The creation of a sacral society—that is, a society in which all authority was rendered unto Christ’s Church—included the establishment of both a confessional state (its corollary, the enforced preeminence of Catholicism for the salvation of its members) and the political independence of the Church. Although there would be collaboration between Church and state, the former had to be independent, Carlists believed, in order to avoid state meddling and for the Church to function correctly—the Church was not of this world and was not to be manipulated by politicians; it was above the political fray.

The Carlist call for the “Fatherland” embodied the Spanish tradition of territorial political independence and their respect for Spain’s organic laws and its principal political institutions, the monarchy and the Cortes. Carlists were not nationalists. They cherished Spain’s traditional laws and especially its historic institutions in contrast to the foreign character of liberal ideas and implementations.
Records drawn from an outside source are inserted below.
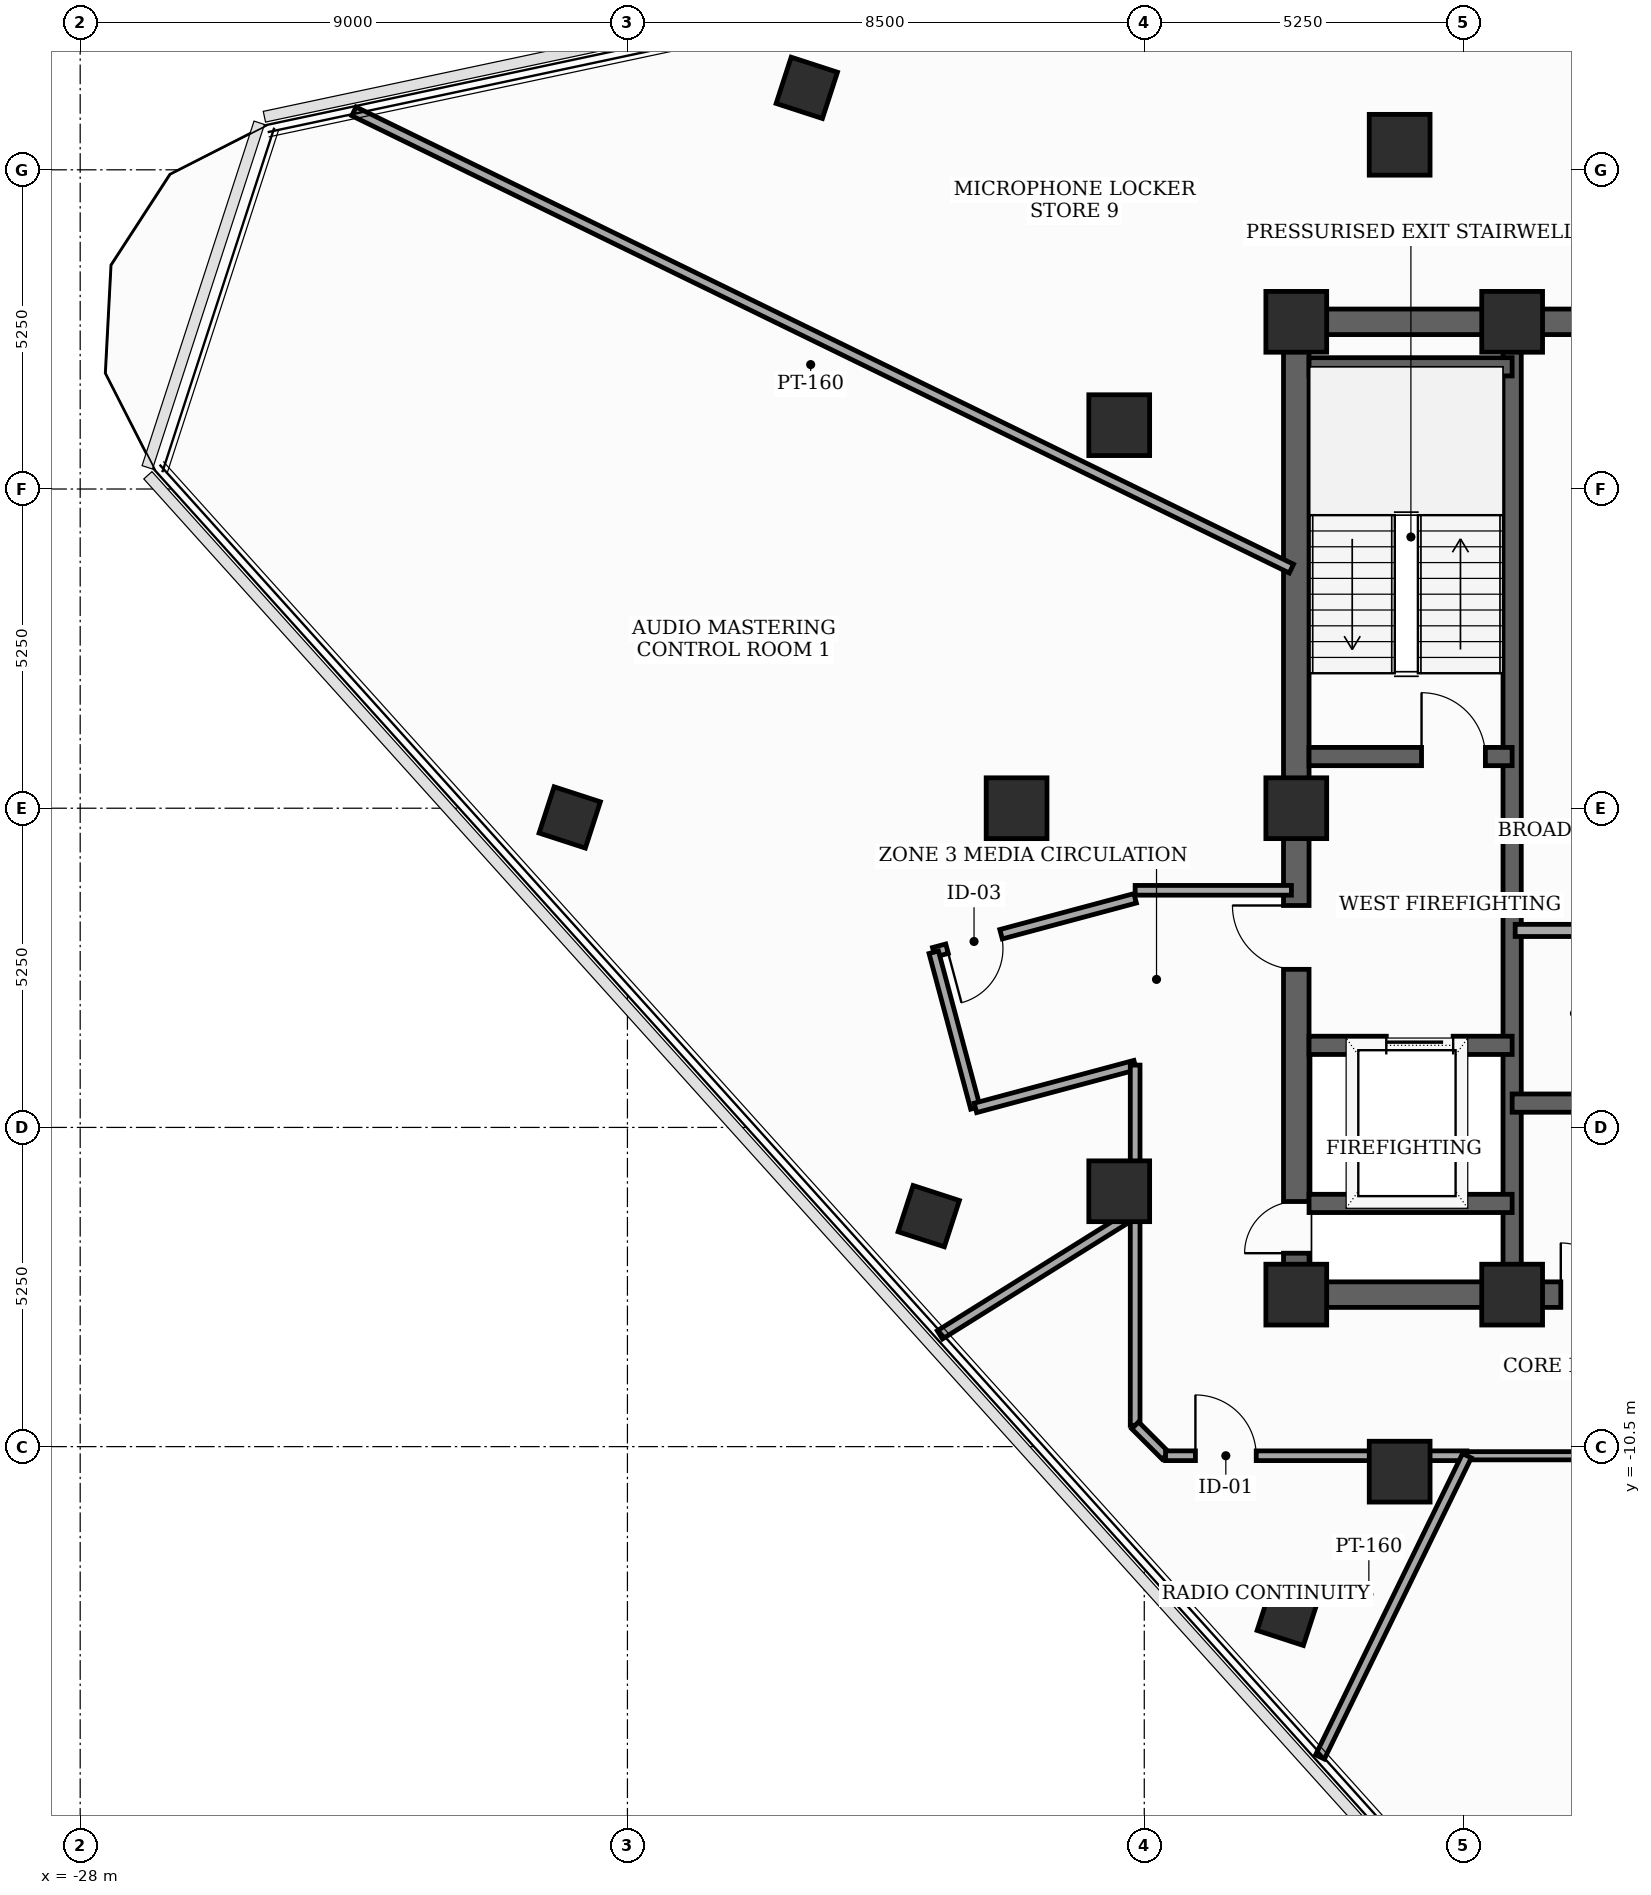
"""IFC4 building model, lengths in metres.
Left out: names, types, materials, properties, quantities, classifications, styles, units other than length and angle.
Written with IfcOpenShell. Run it as: python <this file> out.ifc"""

import sys

from ifc_helpers import new_model, si_unit, direction, frame, frame_2d, origin, origin_2d, place, context, subcontext, project, spatial, rectangle, extrude, element, fill, save


model = new_model("IFC4")
c1 = context("Model", 3, precision=1e-05, world=origin(), true_north=direction((0.0, 1.0)))
c2 = subcontext(c1, "Body", "Model", "MODEL_VIEW")
j1 = project(units=[si_unit("LENGTHUNIT", "METRE"), si_unit("PLANEANGLEUNIT", "RADIAN")], contexts=[c1])
p1 = place(None, origin())
s1 = spatial("IfcSite", under=j1, at=p1, CompositionType="ELEMENT")
p2 = place(p1, origin())
s2 = spatial("IfcBuilding", under=s1, at=p2, CompositionType="ELEMENT")
p3 = place(p2, frame((0.0, 0.0, 309.1)))
s3 = spatial("IfcBuildingStorey", under=s2, at=p3, CompositionType="ELEMENT", Elevation=309.1)
for number, where, z_axis, x_axis in (
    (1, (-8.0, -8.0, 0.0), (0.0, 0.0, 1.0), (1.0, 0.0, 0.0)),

While Carlists appreciated the concept of a united Spain, they viewed Spanish political unity as based on a type of federalist system in which each region’s distinctive administrative, cultural, economic, and political institutions were autonomous and respected by the central government. This idea was expressed in their call for “Regional Rights.” Carlists wanted a Bourbon king to reside over Spain’s patchwork of regional political entities. They wanted a sovereign king who “both ruled and governed,” Alexandra Wilhelmsen writes, and who had the “authority and power needed to solve national affairs effectively.”104 The king’s power, though, would be checked and balanced by the Church (as the king was subject to the authority of Christ’s vicar), the Cortes, and regional, political and administrative institutions. In matters of governing and administrating, then, Carlists subscribed to what would be called in Catholic social teaching, subsidiarity.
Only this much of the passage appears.